Range with step of type float [duplicate]_问答_开发者

This question already has answers here: How do I use a decimal step value for range()? (34 answers) Closed 6 years ago.

The documentation basically says that range must behave exactly as this implementation (for positive step):

def range(start, stop, step):
  x = start
  while True:
    if x >= stop: return
    yield x
    x += step

It also says that its arguments must be integers. Why is that? Isn't that definition also perfectly valid if step is a float?

In my case, I am esp. needing a range function which accepts a float type as its step argument. Is there any in Python or do I need to implement my own?
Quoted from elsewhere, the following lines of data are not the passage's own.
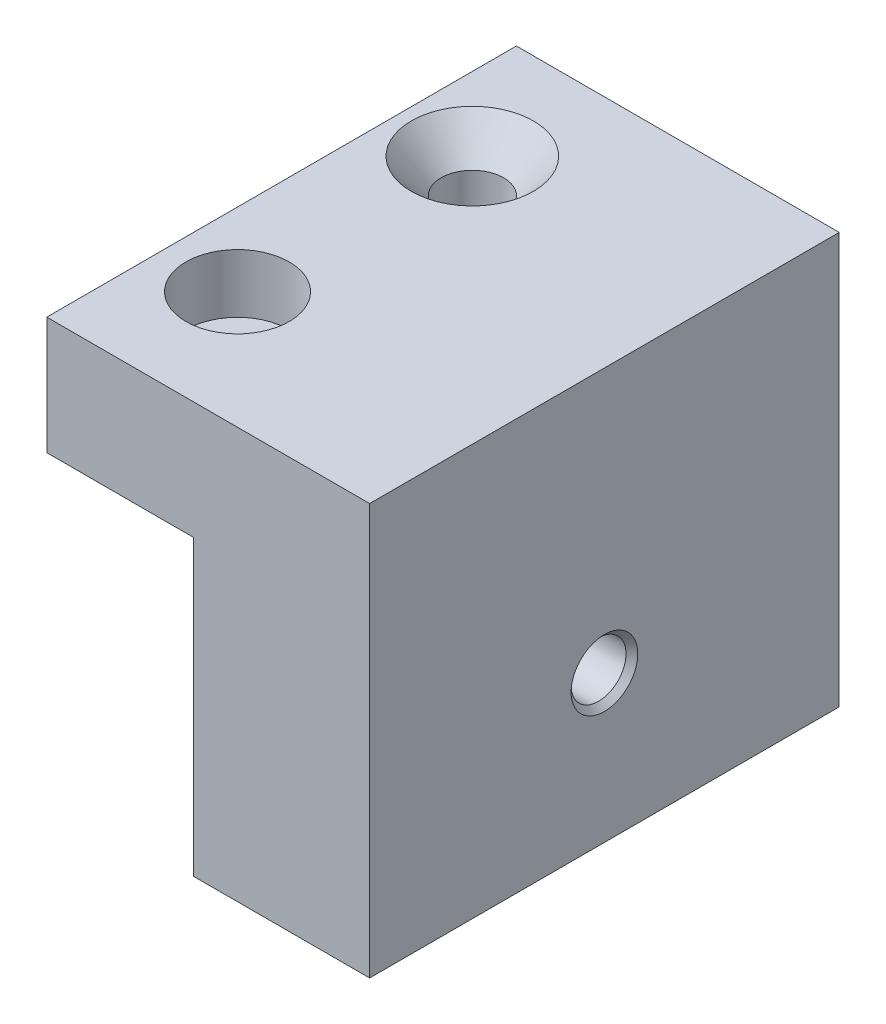
from build123d import *

# Parameters (mm, degrees)
BLOCK_BODY_2IN_DEPTH                      = 50.8
SIDE_THROUGH_HOLE_0_234_D                 = 5.9436
SIDE_HOLE_EDGE_CHAMFER_SIZE               = 0.635
DOWEL_HOLE_0_126_D                        = 3.2004
DOWEL_HOLE_0_126_DEPTH                    = 6.0198
DOWEL_HOLE_0_126_TIP                      = 1.6002
COUNTERSUNK_SCREW_HOLE_NO0_D              = 6.7564
COUNTERSUNK_SCREW_HOLE_NO0_CSINK_D        = 13.208
COUNTERSUNK_SCREW_HOLE_NO0_CSINK_ANGLE    = 82
COUNTERBORED_BOLT_HOLE_0_25IN_D           = 6.7564
COUNTERBORED_BOLT_HOLE_0_25IN_CBORE_D     = 11.176
COUNTERBORED_BOLT_HOLE_0_25IN_CBORE_DEPTH = 6.35


with BuildPart() as part:
    # Block Profile Sketch → Block Body 2in (new body)
    with BuildSketch(Plane.XY):
        Polygon((0, 12.7), (19.05, 12.7), (19.05, -31.75), (0, -31.75), (0, 0), (-15.875, 0), (-15.875, 12.7), align=None)
    extrude(amount=BLOCK_BODY_2IN_DEPTH)

    # Side Through Hole Ø0.234 (through all)
    with Locations(Plane(origin=(0, -15.875, 25.4), x_dir=(0, -1, 0), z_dir=(-1, 0, 0))):
        with Locations((0, 0)):
            Hole(SIDE_THROUGH_HOLE_0_234_D / 2)

    # Side Hole Edge Chamfer
    side_hole_edge_chamfer_edges = [part.edges().sort_by_distance(p)[0] for p in [
        (0, -18.8468, 25.4),
        (19.05, -18.8468, 25.4),
    ]]
    chamfer(side_hole_edge_chamfer_edges, length=SIDE_HOLE_EDGE_CHAMFER_SIZE)

    # Dowel Hole Ø0.126
    with Locations(Plane(origin=(-7.9375, 0, 25.4), x_dir=(-1, 0, 0), z_dir=(0, -1, 0))):
        with Locations((0, 0)):
            Hole(DOWEL_HOLE_0_126_D / 2, depth=DOWEL_HOLE_0_126_DEPTH)
            with Locations((0, 0, -(DOWEL_HOLE_0_126_DEPTH + DOWEL_HOLE_0_126_TIP / 2))):  # 90° drill point
                Cone(0, DOWEL_HOLE_0_126_D / 2, DOWEL_HOLE_0_126_TIP, mode=Mode.SUBTRACT)

    # Countersunk Screw Hole No0 (through all)
    with Locations(Plane(origin=(-7.9375, 12.7, 12.7), x_dir=(0, 0, 1), z_dir=(0, 1, 0))):
        with Locations((0, 0)):
            CounterSinkHole(COUNTERSUNK_SCREW_HOLE_NO0_D / 2, COUNTERSUNK_SCREW_HOLE_NO0_CSINK_D / 2, counter_sink_angle=COUNTERSUNK_SCREW_HOLE_NO0_CSINK_ANGLE)

    # Counterbored Bolt Hole 0.25in (through all)
    with Locations(Plane(origin=(-7.9375, 12.7, 38.1), x_dir=(0, 0, 1), z_dir=(0, 1, 0))):
        with Locations((0, 0)):
            CounterBoreHole(COUNTERBORED_BOLT_HOLE_0_25IN_D / 2, COUNTERBORED_BOLT_HOLE_0_25IN_CBORE_D / 2, COUNTERBORED_BOLT_HOLE_0_25IN_CBORE_DEPTH)


solid = part.part
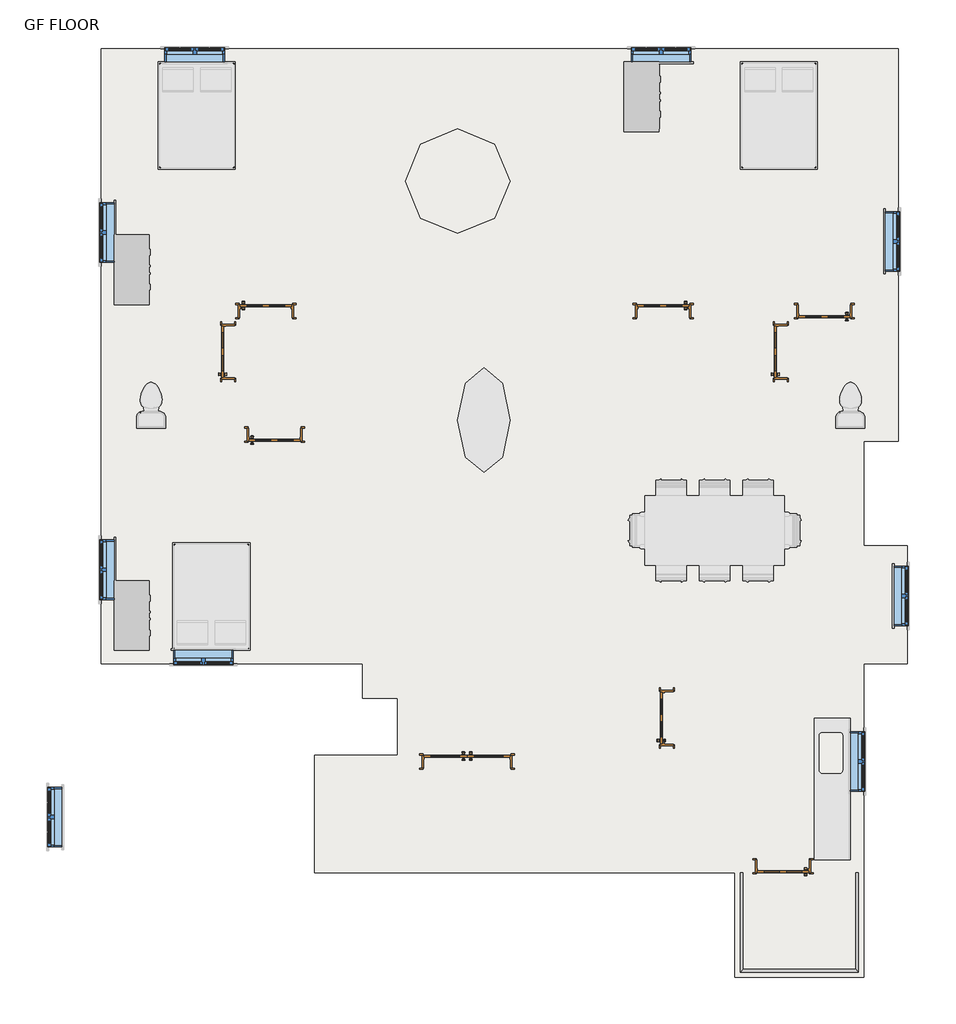
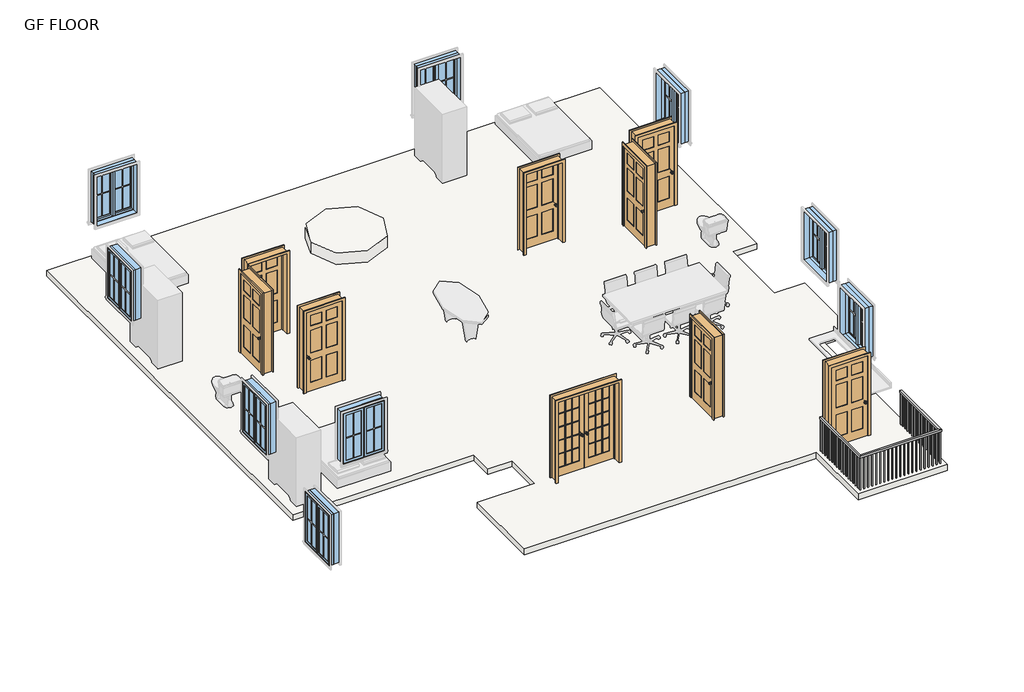
# One storey, part 1 of 2: 9 doors, 9 windows, 2 slabs, 1 railing.
"""IFC4 building model written with IfcOpenShell, lengths in millimetres."""

from ifc_helpers import new_model, si_unit, point, frame, frame_2d, origin, place, context, project, spatial, polyline, circle_curve, trimmed, segment, composite_curve, outline, extrude, faceted_brep, transform, mapped, element, save
from components import door_610bc5f6, door_d86b6c54, door_c5239341, window_c95ebb39

model = new_model("IFC4")

# Units and contexts
model_context = context("Model", 3, world=origin())
ifc_project = project(units=[si_unit("LENGTHUNIT", "METRE", prefix="MILLI")], contexts=[model_context])

# Site, building, storey
site = spatial("IfcSite", under=ifc_project)
building = spatial("IfcBuilding", under=site)
storey = spatial("IfcBuildingStorey", under=building, Name="GF FLOOR", Elevation=914.4)

# Doors
placement = place(None, origin())
door_shape = door_610bc5f6(model_context)
element("IfcDoor", 1, ObjectType="Door-Interior-Double-Full Glass-Wood : 60\" x 84\"", at=placement, inside=storey, context=model_context, shape_type="MappedRepresentation", body=[
    mapped(door_shape, transform((4931.2512825, 2078.7656886, 914.4), x_axis=(1.0, 0.0, 0.0), y_axis=(0.0, 1.0, 0.0), z_axis=(0.0, 0.0, 1.0))),
])
door_2_shape = door_d86b6c54(model_context)
element("IfcDoor", 2, ObjectType="Door-Interior-Single-6_Panel-Wood : 36\" x 84\"", at=placement, inside=storey, context=model_context, shape_type="MappedRepresentation", body=[
    mapped(door_2_shape, transform((8420.5762825, 2837.5906886, 914.4), x_axis=(0.0, 1.0, 0.0), y_axis=(-1.0, 0.0, 0.0), z_axis=(0.0, 0.0, 1.0))),
])
element("IfcDoor", 3, ObjectType="Door-Interior-Single-6_Panel-Wood : 36\" x 84\"", at=placement, inside=storey, context=model_context, shape_type="MappedRepresentation", body=[
    mapped(door_2_shape, transform((10455.7512825, 243.6156886, 914.4), x_axis=(-1.0, 0.0, 0.0), y_axis=(0.0, -1.0, 0.0), z_axis=(0.0, 0.0, 1.0))),
])
element("IfcDoor", 4, ObjectType="Door-Interior-Single-6_Panel-Wood : 36\" x 84\"", at=placement, inside=storey, context=model_context, shape_type="MappedRepresentation", body=[
    mapped(door_2_shape, transform((11179.6512825, 9946.4156886, 914.4), x_axis=(-1.0, 0.0, 0.0), y_axis=(0.0, -1.0, 0.0), z_axis=(0.0, 0.0, 1.0))),
])
element("IfcDoor", 5, ObjectType="Door-Interior-Single-6_Panel-Wood : 36\" x 84\"", at=placement, inside=storey, context=model_context, shape_type="MappedRepresentation", body=[
    mapped(door_2_shape, transform((749.7762825, 9238.3906886, 914.4), x_axis=(0.0, 1.0, 0.0), y_axis=(-1.0, 0.0, 0.0), z_axis=(0.0, 0.0, 1.0))),
])
element("IfcDoor", 6, ObjectType="Door-Interior-Single-6_Panel-Wood : 36\" x 84\"", at=placement, inside=storey, context=model_context, shape_type="MappedRepresentation", body=[
    mapped(door_2_shape, transform((1413.3512825, 9952.7656886, 914.4), x_axis=(1.0, 0.0, 0.0), y_axis=(0.0, 1.0, 0.0), z_axis=(0.0, 0.0, 1.0))),
])
element("IfcDoor", 7, ObjectType="Door-Interior-Single-6_Panel-Wood : 36\" x 84\"", at=placement, inside=storey, context=model_context, shape_type="MappedRepresentation", body=[
    mapped(door_2_shape, transform((10414.4762825, 9238.3906886, 914.4), x_axis=(0.0, 1.0, 0.0), y_axis=(-1.0, 0.0, 0.0), z_axis=(0.0, 0.0, 1.0))),
])
door_3_shape = door_c5239341(model_context)
element("IfcDoor", 8, ObjectType="Door-Interior-Single-6_Panel-Wood : 36\" x 84\"", at=placement, inside=storey, context=model_context, shape_type="MappedRepresentation", body=[
    mapped(door_3_shape, transform((1565.7512825, 7787.4156886, 914.4), x_axis=(1.0, 0.0, 0.0), y_axis=(0.0, 1.0, 0.0), z_axis=(0.0, 0.0, 1.0))),
])
element("IfcDoor", 9, ObjectType="Door-Interior-Single-6_Panel-Wood : 36\" x 84\"", at=placement, inside=storey, context=model_context, shape_type="MappedRepresentation", body=[
    mapped(door_3_shape, transform((8360.2512825, 9952.7656886, 914.4), x_axis=(-1.0, 0.0, 0.0), y_axis=(0.0, -1.0, 0.0), z_axis=(0.0, 0.0, 1.0))),
])

# Railing
element("IfcRailing", 10, ObjectType="Handrail - Rectangular", at=placement, inside=storey, context=model_context, shape_type="SolidModel", body=[
    faceted_brep([(9757.2512825, 132.4906886, 1828.8), (9757.2512825, 132.4906886, 1778.0), (9706.4512825, 132.4906886, 1778.0), (9706.4512825, 132.4906886, 1828.8), (9757.2512825, -1556.6093114, 1828.8), (9757.2512825, -1556.6093114, 1778.0), (9706.4512825, -1607.4093114, 1778.0), (9706.4512825, -1607.4093114, 1828.8), (11725.7512825, -1556.6093114, 1828.8), (11725.7512825, -1556.6093114, 1778.0), (11776.5512825, -1607.4093114, 1778.0), (11776.5512825, -1607.4093114, 1828.8), (11725.7512825, 132.4906886, 1828.8), (11776.5512825, 132.4906886, 1828.8), (11776.5512825, 132.4906886, 1778.0), (11725.7512825, 132.4906886, 1778.0)], [[[0, 1, 2, 3]], [[1, 0, 4, 5]], [[2, 1, 5, 6]], [[3, 2, 6, 7]], [[0, 3, 7, 4]], [[5, 4, 8, 9]], [[6, 5, 9, 10]], [[7, 6, 10, 11]], [[4, 7, 11, 8]], [[12, 13, 14, 15]], [[9, 8, 12, 15]], [[10, 9, 15, 14]], [[11, 10, 14, 13]], [[8, 11, 13, 12]]]),
    extrude(outline(polyline([(11760.6762825, 34.0656886), (11741.6262825, 34.0656886), (11741.6262825, 53.1156886), (11760.6762825, 53.1156886), (11760.6762825, 34.0656886)])), frame((0.0, 0.0, 914.4), z_axis=(0.0, 0.0, 1.0), x_axis=(1.0, 0.0, 0.0)), (0.0, 0.0, 1.0), 863.6),
    extrude(outline(polyline([(11760.6762825, -67.5343114), (11741.6262825, -67.5343114), (11741.6262825, -48.4843114), (11760.6762825, -48.4843114), (11760.6762825, -67.5343114)])), frame((0.0, 0.0, 914.4), z_axis=(0.0, 0.0, 1.0), x_axis=(1.0, 0.0, 0.0)), (0.0, 0.0, 1.0), 863.6),
    extrude(outline(polyline([(11760.6762825, -169.1343114), (11741.6262825, -169.1343114), (11741.6262825, -150.0843114), (11760.6762825, -150.0843114), (11760.6762825, -169.1343114)])), frame((0.0, 0.0, 914.4), z_axis=(0.0, 0.0, 1.0), x_axis=(1.0, 0.0, 0.0)), (0.0, 0.0, 1.0), 863.6),
    extrude(outline(polyline([(11760.6762825, -270.7343114), (11741.6262825, -270.7343114), (11741.6262825, -251.6843114), (11760.6762825, -251.6843114), (11760.6762825, -270.7343114)])), frame((0.0, 0.0, 914.4), z_axis=(0.0, 0.0, 1.0), x_axis=(1.0, 0.0, 0.0)), (0.0, 0.0, 1.0), 863.6),
    extrude(outline(polyline([(11760.6762825, -372.3343114), (11741.6262825, -372.3343114), (11741.6262825, -353.2843114), (11760.6762825, -353.2843114), (11760.6762825, -372.3343114)])), frame((0.0, 0.0, 914.4), z_axis=(0.0, 0.0, 1.0), x_axis=(1.0, 0.0, 0.0)), (0.0, 0.0, 1.0), 863.6),
    extrude(outline(polyline([(11760.6762825, -473.9343114), (11741.6262825, -473.9343114), (11741.6262825, -454.8843114), (11760.6762825, -454.8843114), (11760.6762825, -473.9343114)])), frame((0.0, 0.0, 914.4), z_axis=(0.0, 0.0, 1.0), x_axis=(1.0, 0.0, 0.0)), (0.0, 0.0, 1.0), 863.6),
    extrude(outline(polyline([(11760.6762825, -575.5343114), (11741.6262825, -575.5343114), (11741.6262825, -556.4843114), (11760.6762825, -556.4843114), (11760.6762825, -575.5343114)])), frame((0.0, 0.0, 914.4), z_axis=(0.0, 0.0, 1.0), x_axis=(1.0, 0.0, 0.0)), (0.0, 0.0, 1.0), 863.6),
    extrude(outline(polyline([(11760.6762825, -677.1343114), (11741.6262825, -677.1343114), (11741.6262825, -658.0843114), (11760.6762825, -658.0843114), (11760.6762825, -677.1343114)])), frame((0.0, 0.0, 914.4), z_axis=(0.0, 0.0, 1.0), x_axis=(1.0, 0.0, 0.0)), (0.0, 0.0, 1.0), 863.6),
    extrude(outline(polyline([(11760.6762825, -778.7343114), (11741.6262825, -778.7343114), (11741.6262825, -759.6843114), (11760.6762825, -759.6843114), (11760.6762825, -778.7343114)])), frame((0.0, 0.0, 914.4), z_axis=(0.0, 0.0, 1.0), x_axis=(1.0, 0.0, 0.0)), (0.0, 0.0, 1.0), 863.6),
    extrude(outline(polyline([(11760.6762825, -880.3343114), (11741.6262825, -880.3343114), (11741.6262825, -861.2843114), (11760.6762825, -861.2843114), (11760.6762825, -880.3343114)])), frame((0.0, 0.0, 914.4), z_axis=(0.0, 0.0, 1.0), x_axis=(1.0, 0.0, 0.0)), (0.0, 0.0, 1.0), 863.6),
    extrude(outline(polyline([(11760.6762825, -981.9343114), (11741.6262825, -981.9343114), (11741.6262825, -962.8843114), (11760.6762825, -962.8843114), (11760.6762825, -981.9343114)])), frame((0.0, 0.0, 914.4), z_axis=(0.0, 0.0, 1.0), x_axis=(1.0, 0.0, 0.0)), (0.0, 0.0, 1.0), 863.6),
    extrude(outline(polyline([(11760.6762825, -1083.5343114), (11741.6262825, -1083.5343114), (11741.6262825, -1064.4843114), (11760.6762825, -1064.4843114), (11760.6762825, -1083.5343114)])), frame((0.0, 0.0, 914.4), z_axis=(0.0, 0.0, 1.0), x_axis=(1.0, 0.0, 0.0)), (0.0, 0.0, 1.0), 863.6),
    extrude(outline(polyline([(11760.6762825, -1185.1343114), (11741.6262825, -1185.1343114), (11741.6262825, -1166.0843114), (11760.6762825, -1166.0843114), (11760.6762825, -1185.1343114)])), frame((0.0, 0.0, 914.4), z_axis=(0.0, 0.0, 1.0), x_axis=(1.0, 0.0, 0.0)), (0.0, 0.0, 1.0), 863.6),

More specific: How would I translate this C code directly to Python in a nice way (i.e. not just doing开发者_JS百科 it via a while-loop manually):

for(float x = 0; x < 10; x += 0.5f) { /* ... */ }

You could use numpy.arange.

EDIT: The docs prefer numpy.linspace. _{Thanks @Droogans for noticing =)}

One explanation might be floating point rounding issues. For example, if you could call

range(0, 0.4, 0.1)

you might expect an output of

[0, 0.1, 0.2, 0.3]

but you in fact get something like

[0, 0.1, 0.2000000001, 0.3000000001]

due to rounding issues. And since range is often used to generate indices of some sort, it's integers only.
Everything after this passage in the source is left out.